Pricing Lessons Learned From J.C. Penney's

by QuickBooks

2 min read

The Ron Johnson era at J.C. Penney’s has ended, leaving behind an important lesson for retailers of all sizes: Customers love a sale.

Johnson took over as CEO of Penney’s in 2011 with a resume that included a stint as senior vice president of retail for Apple. He came on board to reinvigorate a brand that has been around since 1902, when James Cash Penney opened his first dry goods store in Wyoming. On April 8, the company’s board voted Johnson out, in an effort to stop ongoing losses. In 2012, Penney’s revenue dropped 25 percent, to $13 billion.

Johnson implemented a “fair and square” pricing strategy that did away with the retailer’s constant markdowns and coupons in printed circulars. Penney’s instead began offering “everyday” value pricing. This was intended to constantly give customers the best deal around, with some extra-reduced pricing on select items for a month at a time.

While Johnson spruced up stores, created boutique departments, and introduced designer labels to the sales floor, something else was happening. Sales continued to drop at Penney’s stores nationwide. Retail analysts say the everyday value pricing was a foreign concept to regular customers, who were accustomed to seeking out bargains, coupons, scratch-off discount cards, and “doorbuster” specials.

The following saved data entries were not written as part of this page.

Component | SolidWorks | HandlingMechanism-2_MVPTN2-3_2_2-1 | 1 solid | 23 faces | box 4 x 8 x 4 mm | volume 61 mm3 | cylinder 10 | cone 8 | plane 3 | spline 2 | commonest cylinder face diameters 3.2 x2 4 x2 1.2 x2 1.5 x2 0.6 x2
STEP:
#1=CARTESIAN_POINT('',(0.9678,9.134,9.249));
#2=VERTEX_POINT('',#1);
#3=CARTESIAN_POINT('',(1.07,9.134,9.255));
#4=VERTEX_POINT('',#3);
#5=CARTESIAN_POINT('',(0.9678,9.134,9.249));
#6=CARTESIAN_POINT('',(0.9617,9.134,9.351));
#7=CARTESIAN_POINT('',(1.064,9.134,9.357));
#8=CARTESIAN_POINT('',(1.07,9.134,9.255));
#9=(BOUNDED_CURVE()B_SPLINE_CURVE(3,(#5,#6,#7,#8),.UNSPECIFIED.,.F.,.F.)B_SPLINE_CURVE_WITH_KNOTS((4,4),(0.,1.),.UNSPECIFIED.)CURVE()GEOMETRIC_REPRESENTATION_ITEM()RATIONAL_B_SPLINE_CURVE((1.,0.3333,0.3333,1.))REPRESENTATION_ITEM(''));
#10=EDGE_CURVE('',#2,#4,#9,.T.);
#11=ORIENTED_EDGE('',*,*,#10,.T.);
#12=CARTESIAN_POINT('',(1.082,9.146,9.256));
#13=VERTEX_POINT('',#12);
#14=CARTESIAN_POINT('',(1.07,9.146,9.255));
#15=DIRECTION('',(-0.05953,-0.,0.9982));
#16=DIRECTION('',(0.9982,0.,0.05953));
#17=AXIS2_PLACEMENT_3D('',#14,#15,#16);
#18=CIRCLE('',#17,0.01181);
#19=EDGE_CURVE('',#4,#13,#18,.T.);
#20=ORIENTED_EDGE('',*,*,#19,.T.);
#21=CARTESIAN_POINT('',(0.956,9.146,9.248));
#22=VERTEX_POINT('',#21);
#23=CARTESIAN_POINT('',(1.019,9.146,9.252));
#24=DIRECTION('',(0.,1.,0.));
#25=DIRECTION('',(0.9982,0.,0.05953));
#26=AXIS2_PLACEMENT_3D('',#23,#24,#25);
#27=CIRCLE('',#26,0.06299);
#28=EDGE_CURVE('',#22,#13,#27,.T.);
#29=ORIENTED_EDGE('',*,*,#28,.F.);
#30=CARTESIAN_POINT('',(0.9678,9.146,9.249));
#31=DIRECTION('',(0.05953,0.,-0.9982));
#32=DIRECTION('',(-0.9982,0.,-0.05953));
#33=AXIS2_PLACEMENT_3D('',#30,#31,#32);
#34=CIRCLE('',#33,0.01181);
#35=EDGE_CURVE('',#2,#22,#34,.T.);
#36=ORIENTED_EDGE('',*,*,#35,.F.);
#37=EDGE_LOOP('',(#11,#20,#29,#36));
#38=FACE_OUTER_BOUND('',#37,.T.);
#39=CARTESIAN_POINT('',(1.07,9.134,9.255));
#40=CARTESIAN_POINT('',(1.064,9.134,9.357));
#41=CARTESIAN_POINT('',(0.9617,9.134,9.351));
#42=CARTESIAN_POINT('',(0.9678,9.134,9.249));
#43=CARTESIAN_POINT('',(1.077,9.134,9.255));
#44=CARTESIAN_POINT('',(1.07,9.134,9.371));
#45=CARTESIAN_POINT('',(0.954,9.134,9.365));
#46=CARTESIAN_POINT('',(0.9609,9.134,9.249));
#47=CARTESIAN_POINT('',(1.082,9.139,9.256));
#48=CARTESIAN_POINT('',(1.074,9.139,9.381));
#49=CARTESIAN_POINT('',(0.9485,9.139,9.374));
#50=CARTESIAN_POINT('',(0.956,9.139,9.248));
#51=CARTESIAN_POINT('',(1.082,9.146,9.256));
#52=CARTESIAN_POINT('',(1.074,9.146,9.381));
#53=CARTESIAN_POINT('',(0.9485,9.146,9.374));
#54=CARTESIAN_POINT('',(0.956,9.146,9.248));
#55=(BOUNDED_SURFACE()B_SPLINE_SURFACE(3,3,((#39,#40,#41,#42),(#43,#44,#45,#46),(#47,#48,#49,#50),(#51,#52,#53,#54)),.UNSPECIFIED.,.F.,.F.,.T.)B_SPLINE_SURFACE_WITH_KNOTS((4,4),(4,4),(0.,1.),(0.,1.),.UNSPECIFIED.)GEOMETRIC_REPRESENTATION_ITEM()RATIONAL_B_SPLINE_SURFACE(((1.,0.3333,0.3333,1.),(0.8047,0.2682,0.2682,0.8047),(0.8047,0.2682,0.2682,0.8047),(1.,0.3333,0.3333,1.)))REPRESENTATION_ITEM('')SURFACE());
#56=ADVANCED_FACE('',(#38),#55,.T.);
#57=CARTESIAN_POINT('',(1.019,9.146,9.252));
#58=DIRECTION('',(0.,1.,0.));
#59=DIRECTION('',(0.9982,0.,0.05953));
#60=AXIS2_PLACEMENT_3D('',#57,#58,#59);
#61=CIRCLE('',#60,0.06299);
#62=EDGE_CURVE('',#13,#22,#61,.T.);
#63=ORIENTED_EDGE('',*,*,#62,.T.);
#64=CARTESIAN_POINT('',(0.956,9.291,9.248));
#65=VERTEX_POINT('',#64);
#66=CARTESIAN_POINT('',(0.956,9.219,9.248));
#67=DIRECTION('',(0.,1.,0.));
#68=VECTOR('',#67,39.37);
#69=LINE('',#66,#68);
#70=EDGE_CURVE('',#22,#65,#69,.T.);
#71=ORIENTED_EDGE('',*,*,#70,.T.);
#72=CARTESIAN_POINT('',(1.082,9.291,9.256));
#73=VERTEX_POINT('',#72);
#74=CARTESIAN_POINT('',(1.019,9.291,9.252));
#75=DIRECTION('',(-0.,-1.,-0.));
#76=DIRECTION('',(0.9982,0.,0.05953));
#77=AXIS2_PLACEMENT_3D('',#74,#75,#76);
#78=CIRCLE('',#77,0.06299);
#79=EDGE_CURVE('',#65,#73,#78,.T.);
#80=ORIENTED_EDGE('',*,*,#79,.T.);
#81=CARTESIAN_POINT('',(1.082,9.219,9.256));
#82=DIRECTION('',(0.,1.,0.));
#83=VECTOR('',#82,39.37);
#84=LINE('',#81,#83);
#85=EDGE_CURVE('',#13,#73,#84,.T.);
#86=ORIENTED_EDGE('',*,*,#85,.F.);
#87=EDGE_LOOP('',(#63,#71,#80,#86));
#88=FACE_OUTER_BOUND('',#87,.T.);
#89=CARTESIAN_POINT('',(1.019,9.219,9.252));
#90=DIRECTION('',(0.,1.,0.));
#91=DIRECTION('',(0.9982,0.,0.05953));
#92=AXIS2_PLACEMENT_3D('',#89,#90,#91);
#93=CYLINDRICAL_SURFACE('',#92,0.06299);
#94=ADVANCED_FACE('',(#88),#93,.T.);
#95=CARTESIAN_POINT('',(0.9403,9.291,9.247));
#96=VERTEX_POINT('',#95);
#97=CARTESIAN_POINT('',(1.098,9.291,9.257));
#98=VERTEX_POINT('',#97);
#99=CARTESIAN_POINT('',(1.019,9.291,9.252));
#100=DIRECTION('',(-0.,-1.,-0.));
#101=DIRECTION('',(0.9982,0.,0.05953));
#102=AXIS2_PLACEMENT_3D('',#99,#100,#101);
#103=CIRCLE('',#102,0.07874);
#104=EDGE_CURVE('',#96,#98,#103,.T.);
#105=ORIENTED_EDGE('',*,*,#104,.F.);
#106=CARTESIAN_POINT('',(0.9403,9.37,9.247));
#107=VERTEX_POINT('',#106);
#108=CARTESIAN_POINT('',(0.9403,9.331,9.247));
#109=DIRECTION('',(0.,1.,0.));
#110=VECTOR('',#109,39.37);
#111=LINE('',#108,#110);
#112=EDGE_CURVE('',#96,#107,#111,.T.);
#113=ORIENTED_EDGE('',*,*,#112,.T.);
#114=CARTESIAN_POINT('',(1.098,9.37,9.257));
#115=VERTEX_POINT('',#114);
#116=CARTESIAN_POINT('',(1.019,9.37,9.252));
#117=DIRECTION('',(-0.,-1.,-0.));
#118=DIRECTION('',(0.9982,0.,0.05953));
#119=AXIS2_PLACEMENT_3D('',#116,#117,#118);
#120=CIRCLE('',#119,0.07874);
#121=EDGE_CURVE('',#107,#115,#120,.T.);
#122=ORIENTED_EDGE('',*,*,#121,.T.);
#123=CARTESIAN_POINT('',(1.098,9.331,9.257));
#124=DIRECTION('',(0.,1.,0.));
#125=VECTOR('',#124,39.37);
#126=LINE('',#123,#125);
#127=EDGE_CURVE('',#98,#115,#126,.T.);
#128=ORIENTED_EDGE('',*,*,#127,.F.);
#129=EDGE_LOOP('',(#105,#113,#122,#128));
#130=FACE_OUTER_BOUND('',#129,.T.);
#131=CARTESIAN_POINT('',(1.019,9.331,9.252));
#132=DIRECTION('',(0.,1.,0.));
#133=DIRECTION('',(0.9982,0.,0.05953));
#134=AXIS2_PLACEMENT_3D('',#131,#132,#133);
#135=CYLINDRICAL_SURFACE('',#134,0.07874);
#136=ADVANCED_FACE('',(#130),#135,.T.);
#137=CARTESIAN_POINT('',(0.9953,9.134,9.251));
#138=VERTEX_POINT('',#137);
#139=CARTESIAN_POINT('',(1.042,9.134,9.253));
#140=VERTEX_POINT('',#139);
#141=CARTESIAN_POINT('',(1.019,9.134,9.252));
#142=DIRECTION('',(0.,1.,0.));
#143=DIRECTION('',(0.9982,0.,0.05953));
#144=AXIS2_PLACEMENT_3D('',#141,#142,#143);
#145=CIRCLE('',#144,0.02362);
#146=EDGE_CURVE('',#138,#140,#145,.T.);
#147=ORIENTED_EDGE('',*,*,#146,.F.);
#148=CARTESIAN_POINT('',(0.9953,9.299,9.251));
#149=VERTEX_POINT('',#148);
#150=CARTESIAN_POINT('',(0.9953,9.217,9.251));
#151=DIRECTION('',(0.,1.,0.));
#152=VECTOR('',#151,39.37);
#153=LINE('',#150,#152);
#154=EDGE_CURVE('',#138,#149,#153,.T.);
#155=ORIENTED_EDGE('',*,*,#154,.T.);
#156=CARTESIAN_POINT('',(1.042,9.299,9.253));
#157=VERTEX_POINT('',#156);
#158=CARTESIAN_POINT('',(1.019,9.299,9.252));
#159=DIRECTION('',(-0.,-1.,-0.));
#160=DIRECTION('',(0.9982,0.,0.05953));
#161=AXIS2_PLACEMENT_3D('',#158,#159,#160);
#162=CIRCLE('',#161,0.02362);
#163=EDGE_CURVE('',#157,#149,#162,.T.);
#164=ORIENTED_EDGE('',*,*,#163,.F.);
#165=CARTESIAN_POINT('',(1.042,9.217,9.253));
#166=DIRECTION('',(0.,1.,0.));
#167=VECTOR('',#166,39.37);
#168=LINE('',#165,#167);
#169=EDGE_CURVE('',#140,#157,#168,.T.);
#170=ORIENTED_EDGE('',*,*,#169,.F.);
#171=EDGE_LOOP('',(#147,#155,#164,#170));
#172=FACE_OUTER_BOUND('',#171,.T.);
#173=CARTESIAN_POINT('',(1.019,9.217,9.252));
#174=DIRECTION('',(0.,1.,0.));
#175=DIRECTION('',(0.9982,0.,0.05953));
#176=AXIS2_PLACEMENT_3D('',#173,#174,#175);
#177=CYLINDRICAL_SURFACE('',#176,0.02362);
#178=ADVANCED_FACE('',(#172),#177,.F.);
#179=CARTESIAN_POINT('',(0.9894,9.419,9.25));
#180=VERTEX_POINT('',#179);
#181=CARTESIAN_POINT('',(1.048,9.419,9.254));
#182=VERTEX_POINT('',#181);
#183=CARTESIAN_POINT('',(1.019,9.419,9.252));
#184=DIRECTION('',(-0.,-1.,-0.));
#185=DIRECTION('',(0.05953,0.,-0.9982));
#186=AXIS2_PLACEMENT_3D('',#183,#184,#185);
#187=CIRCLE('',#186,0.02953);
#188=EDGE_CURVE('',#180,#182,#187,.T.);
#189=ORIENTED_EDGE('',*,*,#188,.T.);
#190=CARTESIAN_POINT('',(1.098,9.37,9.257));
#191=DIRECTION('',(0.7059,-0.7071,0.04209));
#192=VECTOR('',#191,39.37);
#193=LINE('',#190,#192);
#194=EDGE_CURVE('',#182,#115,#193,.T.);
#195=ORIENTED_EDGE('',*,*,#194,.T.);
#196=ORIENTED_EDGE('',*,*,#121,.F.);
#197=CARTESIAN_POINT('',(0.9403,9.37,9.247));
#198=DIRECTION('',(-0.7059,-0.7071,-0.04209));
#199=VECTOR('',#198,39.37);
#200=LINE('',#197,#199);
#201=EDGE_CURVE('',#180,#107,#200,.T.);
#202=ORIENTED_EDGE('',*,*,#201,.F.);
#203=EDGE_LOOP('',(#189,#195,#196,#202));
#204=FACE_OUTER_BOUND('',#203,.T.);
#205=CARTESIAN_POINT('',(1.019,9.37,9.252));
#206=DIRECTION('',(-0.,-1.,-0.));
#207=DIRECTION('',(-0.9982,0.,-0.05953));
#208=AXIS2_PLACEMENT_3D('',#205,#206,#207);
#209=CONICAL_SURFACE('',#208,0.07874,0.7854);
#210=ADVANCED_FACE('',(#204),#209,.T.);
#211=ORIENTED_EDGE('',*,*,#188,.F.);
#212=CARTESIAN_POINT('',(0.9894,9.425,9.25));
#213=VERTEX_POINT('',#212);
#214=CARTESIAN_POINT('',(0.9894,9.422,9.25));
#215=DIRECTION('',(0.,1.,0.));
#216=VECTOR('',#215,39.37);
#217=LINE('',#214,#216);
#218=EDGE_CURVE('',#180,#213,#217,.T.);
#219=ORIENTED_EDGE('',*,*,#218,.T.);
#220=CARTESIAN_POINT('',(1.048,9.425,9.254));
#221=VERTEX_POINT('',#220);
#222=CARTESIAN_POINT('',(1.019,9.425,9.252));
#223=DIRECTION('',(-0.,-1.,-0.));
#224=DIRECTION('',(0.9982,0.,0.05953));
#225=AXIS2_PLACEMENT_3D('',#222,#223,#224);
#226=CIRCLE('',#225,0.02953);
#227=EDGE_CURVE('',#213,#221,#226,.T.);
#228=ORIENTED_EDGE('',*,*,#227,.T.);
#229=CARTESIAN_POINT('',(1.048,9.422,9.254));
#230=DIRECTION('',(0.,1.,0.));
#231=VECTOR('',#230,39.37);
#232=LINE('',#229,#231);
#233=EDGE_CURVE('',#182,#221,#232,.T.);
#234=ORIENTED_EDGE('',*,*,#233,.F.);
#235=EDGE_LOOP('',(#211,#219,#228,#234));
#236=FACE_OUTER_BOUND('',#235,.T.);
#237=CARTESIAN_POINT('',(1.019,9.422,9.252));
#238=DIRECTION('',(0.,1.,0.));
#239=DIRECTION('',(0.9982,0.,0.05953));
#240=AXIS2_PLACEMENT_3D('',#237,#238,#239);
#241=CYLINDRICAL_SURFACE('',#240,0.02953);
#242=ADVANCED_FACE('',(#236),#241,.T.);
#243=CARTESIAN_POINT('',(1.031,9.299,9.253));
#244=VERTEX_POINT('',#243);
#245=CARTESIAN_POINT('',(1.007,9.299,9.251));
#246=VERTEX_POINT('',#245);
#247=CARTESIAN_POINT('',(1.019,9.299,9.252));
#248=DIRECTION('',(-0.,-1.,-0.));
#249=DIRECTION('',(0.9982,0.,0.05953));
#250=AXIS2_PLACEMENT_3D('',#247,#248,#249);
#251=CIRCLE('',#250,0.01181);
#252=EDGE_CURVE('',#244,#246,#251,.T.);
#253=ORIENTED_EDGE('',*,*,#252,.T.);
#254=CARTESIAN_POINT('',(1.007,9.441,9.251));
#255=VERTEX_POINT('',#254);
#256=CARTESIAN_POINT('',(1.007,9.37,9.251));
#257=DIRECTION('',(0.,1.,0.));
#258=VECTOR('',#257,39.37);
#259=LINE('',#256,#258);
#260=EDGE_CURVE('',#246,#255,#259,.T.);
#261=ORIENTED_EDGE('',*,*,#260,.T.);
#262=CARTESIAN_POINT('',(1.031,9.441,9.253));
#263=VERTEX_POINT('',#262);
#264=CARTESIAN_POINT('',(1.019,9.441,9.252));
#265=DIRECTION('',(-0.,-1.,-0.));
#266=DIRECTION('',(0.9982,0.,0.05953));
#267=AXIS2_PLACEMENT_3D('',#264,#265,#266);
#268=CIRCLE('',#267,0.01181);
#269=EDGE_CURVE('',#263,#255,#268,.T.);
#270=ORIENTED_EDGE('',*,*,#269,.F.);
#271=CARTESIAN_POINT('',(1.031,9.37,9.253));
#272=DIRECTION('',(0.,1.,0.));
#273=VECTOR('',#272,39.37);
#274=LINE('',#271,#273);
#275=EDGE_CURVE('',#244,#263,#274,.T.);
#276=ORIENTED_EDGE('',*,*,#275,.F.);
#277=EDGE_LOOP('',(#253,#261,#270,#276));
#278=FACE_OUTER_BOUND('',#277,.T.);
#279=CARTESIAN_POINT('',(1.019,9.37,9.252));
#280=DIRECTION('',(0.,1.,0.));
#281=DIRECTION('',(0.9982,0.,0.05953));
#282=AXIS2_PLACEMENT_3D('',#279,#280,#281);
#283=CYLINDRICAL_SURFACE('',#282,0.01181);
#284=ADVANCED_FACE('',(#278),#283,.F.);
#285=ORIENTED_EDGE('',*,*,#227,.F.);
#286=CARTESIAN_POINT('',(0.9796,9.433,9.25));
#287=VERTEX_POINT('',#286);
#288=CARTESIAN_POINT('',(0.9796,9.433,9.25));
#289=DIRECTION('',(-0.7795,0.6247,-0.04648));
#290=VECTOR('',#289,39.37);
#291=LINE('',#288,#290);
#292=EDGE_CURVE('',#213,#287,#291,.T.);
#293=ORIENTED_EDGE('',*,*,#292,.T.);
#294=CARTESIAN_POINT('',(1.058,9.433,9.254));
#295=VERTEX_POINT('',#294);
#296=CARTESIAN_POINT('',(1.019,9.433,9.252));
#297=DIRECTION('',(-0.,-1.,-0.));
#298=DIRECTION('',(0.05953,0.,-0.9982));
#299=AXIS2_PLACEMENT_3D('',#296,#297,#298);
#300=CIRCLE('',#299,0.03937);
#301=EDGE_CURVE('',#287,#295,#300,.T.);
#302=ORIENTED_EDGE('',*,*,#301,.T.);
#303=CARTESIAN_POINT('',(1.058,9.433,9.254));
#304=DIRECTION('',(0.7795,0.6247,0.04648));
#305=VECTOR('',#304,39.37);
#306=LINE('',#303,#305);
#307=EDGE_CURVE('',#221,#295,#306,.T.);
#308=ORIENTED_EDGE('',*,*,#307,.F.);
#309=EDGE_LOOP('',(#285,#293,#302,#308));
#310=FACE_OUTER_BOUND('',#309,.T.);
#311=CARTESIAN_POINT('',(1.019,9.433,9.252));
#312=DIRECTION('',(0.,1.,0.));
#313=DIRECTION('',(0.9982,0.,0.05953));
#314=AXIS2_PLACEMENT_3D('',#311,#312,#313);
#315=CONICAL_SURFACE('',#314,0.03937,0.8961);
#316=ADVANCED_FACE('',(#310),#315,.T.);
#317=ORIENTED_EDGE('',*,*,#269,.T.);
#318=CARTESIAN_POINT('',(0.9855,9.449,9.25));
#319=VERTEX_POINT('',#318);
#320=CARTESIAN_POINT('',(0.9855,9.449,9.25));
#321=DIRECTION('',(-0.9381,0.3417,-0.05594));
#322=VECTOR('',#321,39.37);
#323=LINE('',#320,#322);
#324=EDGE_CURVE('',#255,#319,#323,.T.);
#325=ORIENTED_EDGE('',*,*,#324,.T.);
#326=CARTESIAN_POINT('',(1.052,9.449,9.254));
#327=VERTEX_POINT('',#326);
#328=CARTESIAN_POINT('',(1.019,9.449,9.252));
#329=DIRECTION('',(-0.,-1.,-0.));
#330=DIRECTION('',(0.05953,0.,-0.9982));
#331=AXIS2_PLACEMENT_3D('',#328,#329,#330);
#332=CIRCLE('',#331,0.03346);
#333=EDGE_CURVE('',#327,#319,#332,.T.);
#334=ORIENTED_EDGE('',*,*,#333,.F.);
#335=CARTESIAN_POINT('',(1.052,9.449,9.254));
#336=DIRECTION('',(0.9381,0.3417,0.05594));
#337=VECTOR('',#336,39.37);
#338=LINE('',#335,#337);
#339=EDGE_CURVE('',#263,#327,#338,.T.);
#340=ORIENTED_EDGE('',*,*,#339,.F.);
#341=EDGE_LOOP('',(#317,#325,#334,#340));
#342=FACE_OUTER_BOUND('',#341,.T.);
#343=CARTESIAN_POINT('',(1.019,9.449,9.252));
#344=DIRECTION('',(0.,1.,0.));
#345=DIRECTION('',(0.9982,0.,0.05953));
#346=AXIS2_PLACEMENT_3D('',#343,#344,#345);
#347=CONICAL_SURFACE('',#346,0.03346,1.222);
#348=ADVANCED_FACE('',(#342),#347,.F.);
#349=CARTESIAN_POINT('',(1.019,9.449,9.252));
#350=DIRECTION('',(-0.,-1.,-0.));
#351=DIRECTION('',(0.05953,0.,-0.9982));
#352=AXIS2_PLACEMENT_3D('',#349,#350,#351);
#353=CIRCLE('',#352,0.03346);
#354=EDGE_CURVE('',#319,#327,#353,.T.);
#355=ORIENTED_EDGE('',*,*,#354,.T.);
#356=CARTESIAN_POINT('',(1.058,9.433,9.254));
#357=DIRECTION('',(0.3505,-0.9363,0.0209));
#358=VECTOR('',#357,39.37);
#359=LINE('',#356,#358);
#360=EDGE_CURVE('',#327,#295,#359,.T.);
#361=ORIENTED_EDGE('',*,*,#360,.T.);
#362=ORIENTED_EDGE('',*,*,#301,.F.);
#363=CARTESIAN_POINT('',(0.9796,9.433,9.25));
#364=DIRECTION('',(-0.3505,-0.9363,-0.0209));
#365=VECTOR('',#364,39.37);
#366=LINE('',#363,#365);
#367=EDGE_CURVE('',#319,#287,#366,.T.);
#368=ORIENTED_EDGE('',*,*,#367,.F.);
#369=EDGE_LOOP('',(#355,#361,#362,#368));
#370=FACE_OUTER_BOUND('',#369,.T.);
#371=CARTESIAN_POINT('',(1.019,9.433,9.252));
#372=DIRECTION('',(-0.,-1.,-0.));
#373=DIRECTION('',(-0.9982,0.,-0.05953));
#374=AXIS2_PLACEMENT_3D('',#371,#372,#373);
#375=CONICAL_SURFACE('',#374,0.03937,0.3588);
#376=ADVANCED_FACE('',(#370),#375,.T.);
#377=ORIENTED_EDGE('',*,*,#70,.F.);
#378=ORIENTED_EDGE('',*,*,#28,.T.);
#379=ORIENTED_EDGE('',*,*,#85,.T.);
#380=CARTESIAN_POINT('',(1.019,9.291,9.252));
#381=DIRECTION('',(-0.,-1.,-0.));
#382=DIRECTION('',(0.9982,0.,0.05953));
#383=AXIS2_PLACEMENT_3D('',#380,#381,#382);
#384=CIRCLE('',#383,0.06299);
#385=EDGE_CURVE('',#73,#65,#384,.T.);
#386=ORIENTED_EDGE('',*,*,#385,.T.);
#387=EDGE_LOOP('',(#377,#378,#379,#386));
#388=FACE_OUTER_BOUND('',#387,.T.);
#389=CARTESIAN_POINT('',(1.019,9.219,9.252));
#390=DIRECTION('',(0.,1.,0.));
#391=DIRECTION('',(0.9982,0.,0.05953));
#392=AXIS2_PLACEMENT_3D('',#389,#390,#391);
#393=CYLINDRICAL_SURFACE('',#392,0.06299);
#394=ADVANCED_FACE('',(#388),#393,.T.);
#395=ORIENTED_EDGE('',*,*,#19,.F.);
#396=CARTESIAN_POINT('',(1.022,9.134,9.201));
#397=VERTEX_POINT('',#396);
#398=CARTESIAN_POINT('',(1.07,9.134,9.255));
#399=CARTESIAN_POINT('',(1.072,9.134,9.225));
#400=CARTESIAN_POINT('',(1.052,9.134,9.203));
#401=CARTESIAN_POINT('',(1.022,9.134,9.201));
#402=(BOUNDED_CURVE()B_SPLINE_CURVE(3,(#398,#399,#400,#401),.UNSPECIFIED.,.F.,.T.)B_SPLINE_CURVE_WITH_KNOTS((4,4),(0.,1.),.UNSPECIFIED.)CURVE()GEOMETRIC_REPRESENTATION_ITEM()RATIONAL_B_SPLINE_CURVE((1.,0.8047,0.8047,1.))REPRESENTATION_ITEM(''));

“Naturally, the assumption is that their everyday pricing represents more of a markup than any sale price would, so you still would wait for the sale,” says Penney’s shopper Melissa St. John of Raleigh, N.C. “It’s not economics; it’s psychology.”

The new pricing policy was put into place quickly, without a test run, and the first prices that changed were those of merchandise already hanging on J.C. Penney’s racks.

“Right after they switched over to their new pricing that was supposed to be better or lower, I was there,” says shopper Amy Brown of Wake Forest, N.C. “And, out of curiosity, I picked off a price sticker to see what was under it. Lo and behold, the new ‘lower’ price was, in fact, higher than the original. I’m a once-loyal shopper turned very disappointed non-shopper.”

Jasmine Bashaj, founder of So Rad baby and toddler clothing, says big chains have inspired customers to bargain shop. “The bigger stores are competing for business to become bigger and bigger,” Bashaj says. “Think of how many box stores there were in the 1980s — maybe none?”

So Rad, based near Toronto, sells its luxury products online and in stores internationally. “As a customer, I look for price breaks, too,” Bashaj says. “But  I think customers need to educate themselves about products and where they come from and their actual value.”

J.C. Penney now has a new CEO, who isn’t really new: Former chief executive Mike Ullman has been rehired. Company insiders quoted in the Wall Street Journal said they expected to scrap Johnson’s failed strategy and return the chain to more traditional department store pricing. Meanwhile, J.C. Penney is offering customers additional discounts on purchases in stores and online.